Multimodal Design for Interactive Collaborative Problem-Solving Support

Hannah VanderHoeven, Mariah Bradford, Changsoo Jung, Ibrahim Khebour, Kenneth Lai, James Pustejovsky, Nikhil Krishnaswamy, Nathaniel Blanchard

Published: 01 Jan 2024, Last Modified: 04 Nov 2025HCI (6) 2024EveryoneRevisionsBibTeXCC BY-SA 4.0

Abstract: When analyzing interactions during collaborative problem solving (CPS) tasks, many different communication modalities are likely to be present and interpretable. These modalities may include speech, gesture, action, affect, pose and object position in physical space, amongst others. As AI becomes more prominent in day-to-day use and various learning environments, such as classrooms, there is potential for it to support additional understanding into how small groups work together to complete CPS tasks.

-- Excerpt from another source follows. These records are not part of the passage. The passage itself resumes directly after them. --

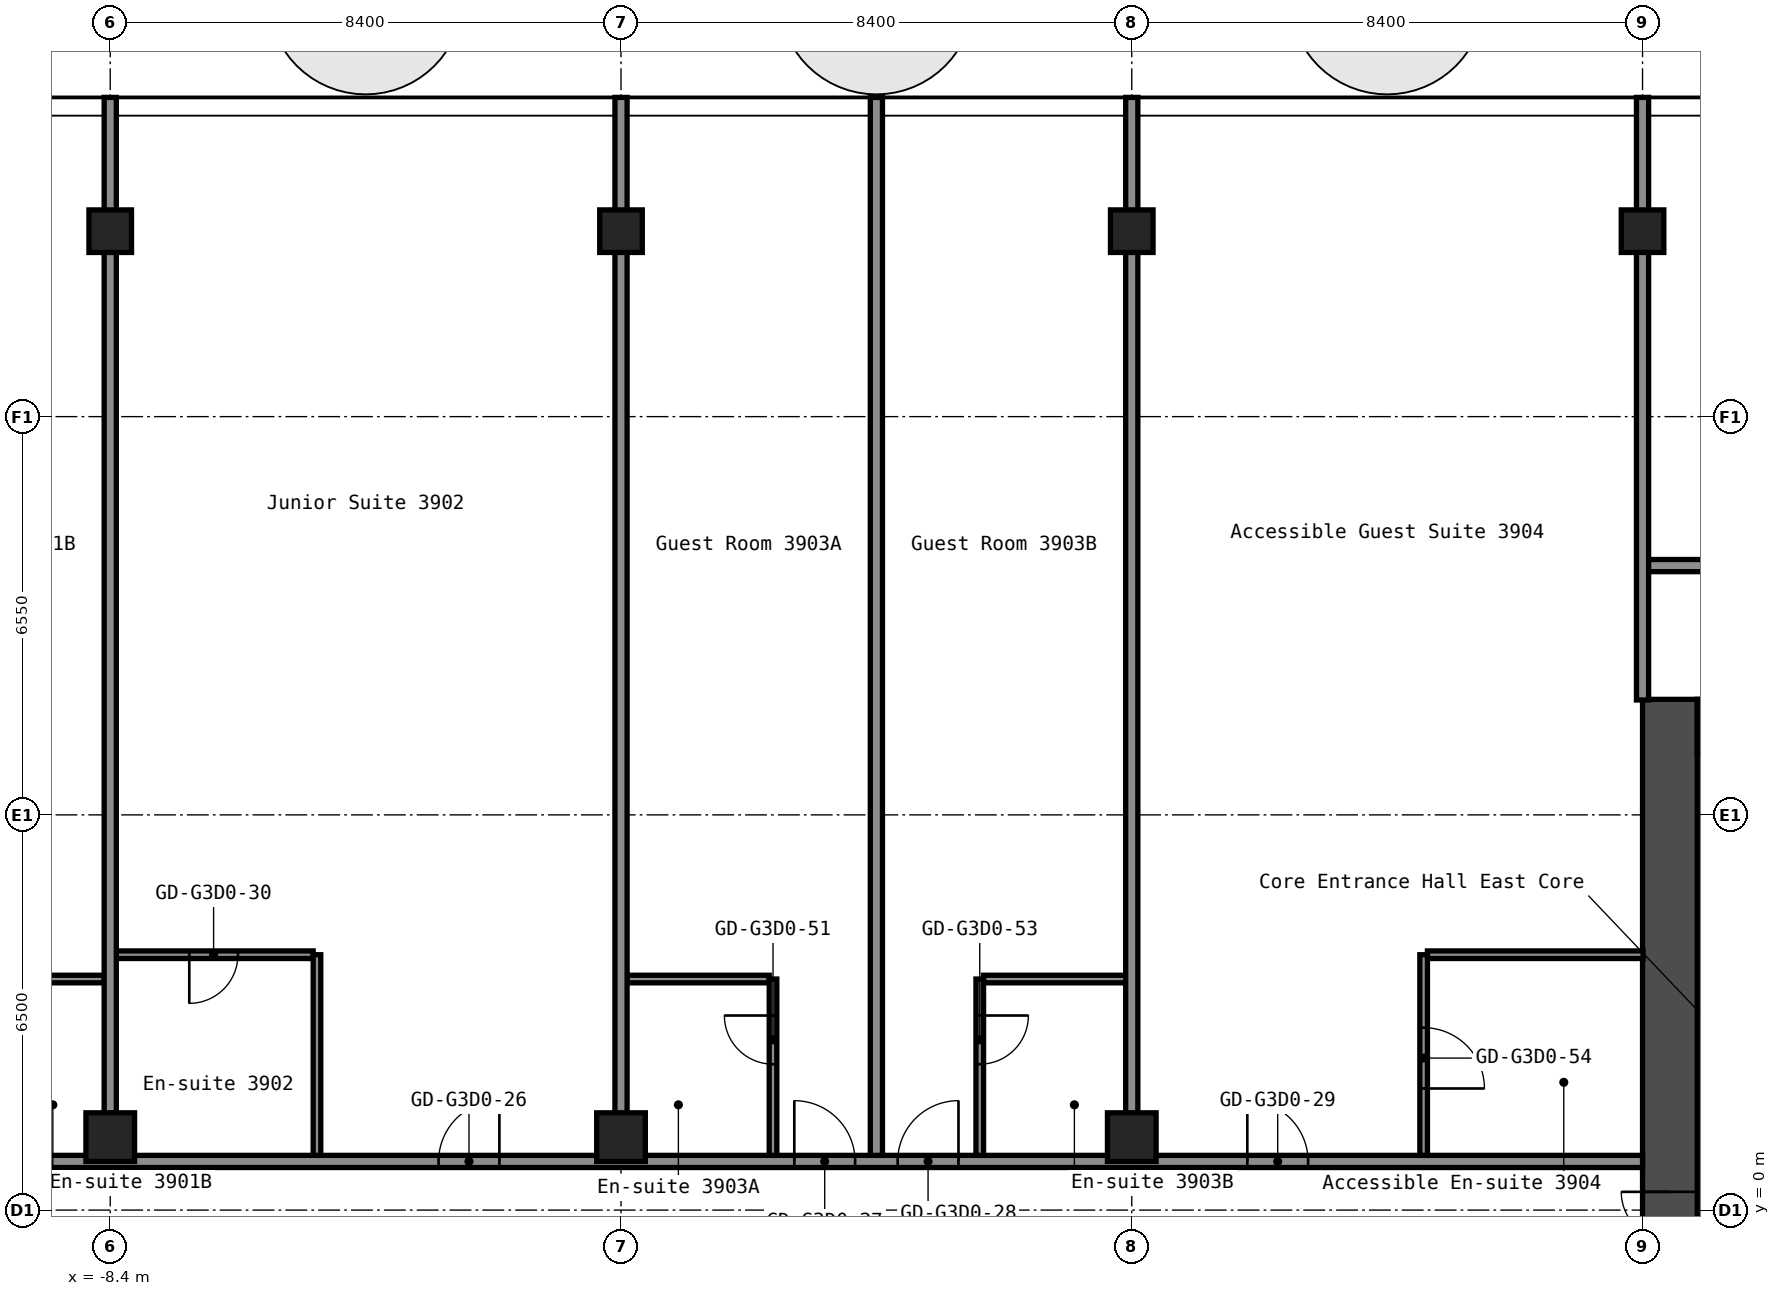
"""IFC4 building model, lengths in metres.
Left out: names, types, materials, properties, quantities, classifications, styles, units other than length and angle.
Written with IfcOpenShell. Run it as: python <this file> out.ifc"""

import sys

from ifc_helpers import new_model, si_unit, direction, frame, frame_2d, origin, origin_2d, place, context, subcontext, project, spatial, rectangle, hollow_rectangle, extrude, element, fill, save


model = new_model("IFC4")
c1 = context("Model", 3, precision=1e-05, world=origin(), true_north=direction((0.0, 1.0)))
c2 = subcontext(c1, "Body", "Model", "MODEL_VIEW")
j1 = project(units=[si_unit("LENGTHUNIT", "METRE"), si_unit("PLANEANGLEUNIT", "RADIAN")], contexts=[c1])
p1 = place(None, origin())
s1 = spatial("IfcSite", under=j1, at=p1, CompositionType="ELEMENT")
p2 = place(p1, origin())
s2 = spatial("IfcBuilding", under=s1, at=p2, CompositionType="ELEMENT")
p3 = place(p2, frame((0.0, 0.0, 140.6)))
s3 = spatial("IfcBuildingStorey", under=s2, at=p3, CompositionType="ELEMENT", Elevation=140.6)
p4 = place(p3, frame((-8.4, 1.2, 0.0), z_axis=(0.0, 0.0, 1.0), x_axis=(1.0, 0.0, 0.0)))
e1 = element("IfcColumn", 1, at=p4, inside=s3, PredefinedType="COLUMN", context=c2, shape_type="SweptSolid", body=[
    extrude(hollow_rectangle(XDim=0.8, YDim=0.8, WallThickness=0.032, at=origin_2d()), origin(), (0.0, 0.0, 1.0), 2.75),
])
p5 = place(p3, frame((-8.4, 16.1, 0.0), z_axis=(0.0, 0.0, 1.0), x_axis=(1.0, 0.0, 0.0)))
e2 = element("IfcColumn", 2, at=p5, inside=s3, PredefinedType="COLUMN", context=c2, shape_type="SweptSolid", body=[
    extrude(hollow_rectangle(XDim=0.7, YDim=0.7, WallThickness=0.028, at=origin_2d()), origin(), (0.0, 0.0, 1.0), 2.75),
])
p6 = place(p3, frame((0.0, 1.2, 0.0), z_axis=(0.0, 0.0, 1.0), x_axis=(1.0, 0.0, 0.0)))
e3 = element("IfcColumn", 3, at=p6, inside=s3, PredefinedType="COLUMN", context=c2, shape_type="SweptSolid", body=[
    extrude(hollow_rectangle(XDim=0.8, YDim=0.8, WallThickness=0.032, at=origin_2d()), origin(), (0.0, 0.0, 1.0), 2.75),
])
p7 = place(p3, frame((0.0, 16.1, 0.0), z_axis=(0.0, 0.0, 1.0), x_axis=(1.0, 0.0, 0.0)))
e4 = element("IfcColumn", 4, at=p7, inside=s3, PredefinedType="COLUMN", context=c2, shape_type="SweptSolid", body=[
    extrude(hollow_rectangle(XDim=0.7, YDim=0.7, WallThickness=0.028, at=origin_2d()), origin(), (0.0, 0.0, 1.0), 2.75),
])
p8 = place(p3, frame((8.4, 1.2, 0.0), z_axis=(0.0, 0.0, 1.0), x_axis=(1.0, 0.0, 0.0)))
e5 = element("IfcColumn", 5, at=p8, inside=s3, PredefinedType="COLUMN", context=c2, shape_type="SweptSolid", body=[
    extrude(hollow_rectangle(XDim=0.8, YDim=0.8, WallThickness=0.032, at=origin_2d()), origin(), (0.0, 0.0, 1.0), 2.75),
])
for number, where, z_axis, x_axis in (
    (6, (8.4, 16.1, 0.0), (0.0, 0.0, 1.0), (1.0, 0.0, 0.0)),
    (7, (16.8, 16.1, 0.0), (0.0, 0.0, 1.0), (1.0, 0.0, 0.0)),
):
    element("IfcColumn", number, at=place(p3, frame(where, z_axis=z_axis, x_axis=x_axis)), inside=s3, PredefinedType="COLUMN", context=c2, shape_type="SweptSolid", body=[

Designing interactive AI to support CPS requires creating a system that supports multiple different modalities. In this paper we discuss the importance of multimodal features to modeling CPS, how different modal channels must interact in a multimodal AI agent that supports a wide range of tasks, and design considerations that require forethought when building such a system that most effectively interacts with and aids small groups in successfully completing CPS tasks. We also outline various tool sets that can be leveraged to support each of the individual features and their integration, and various applications for such a system.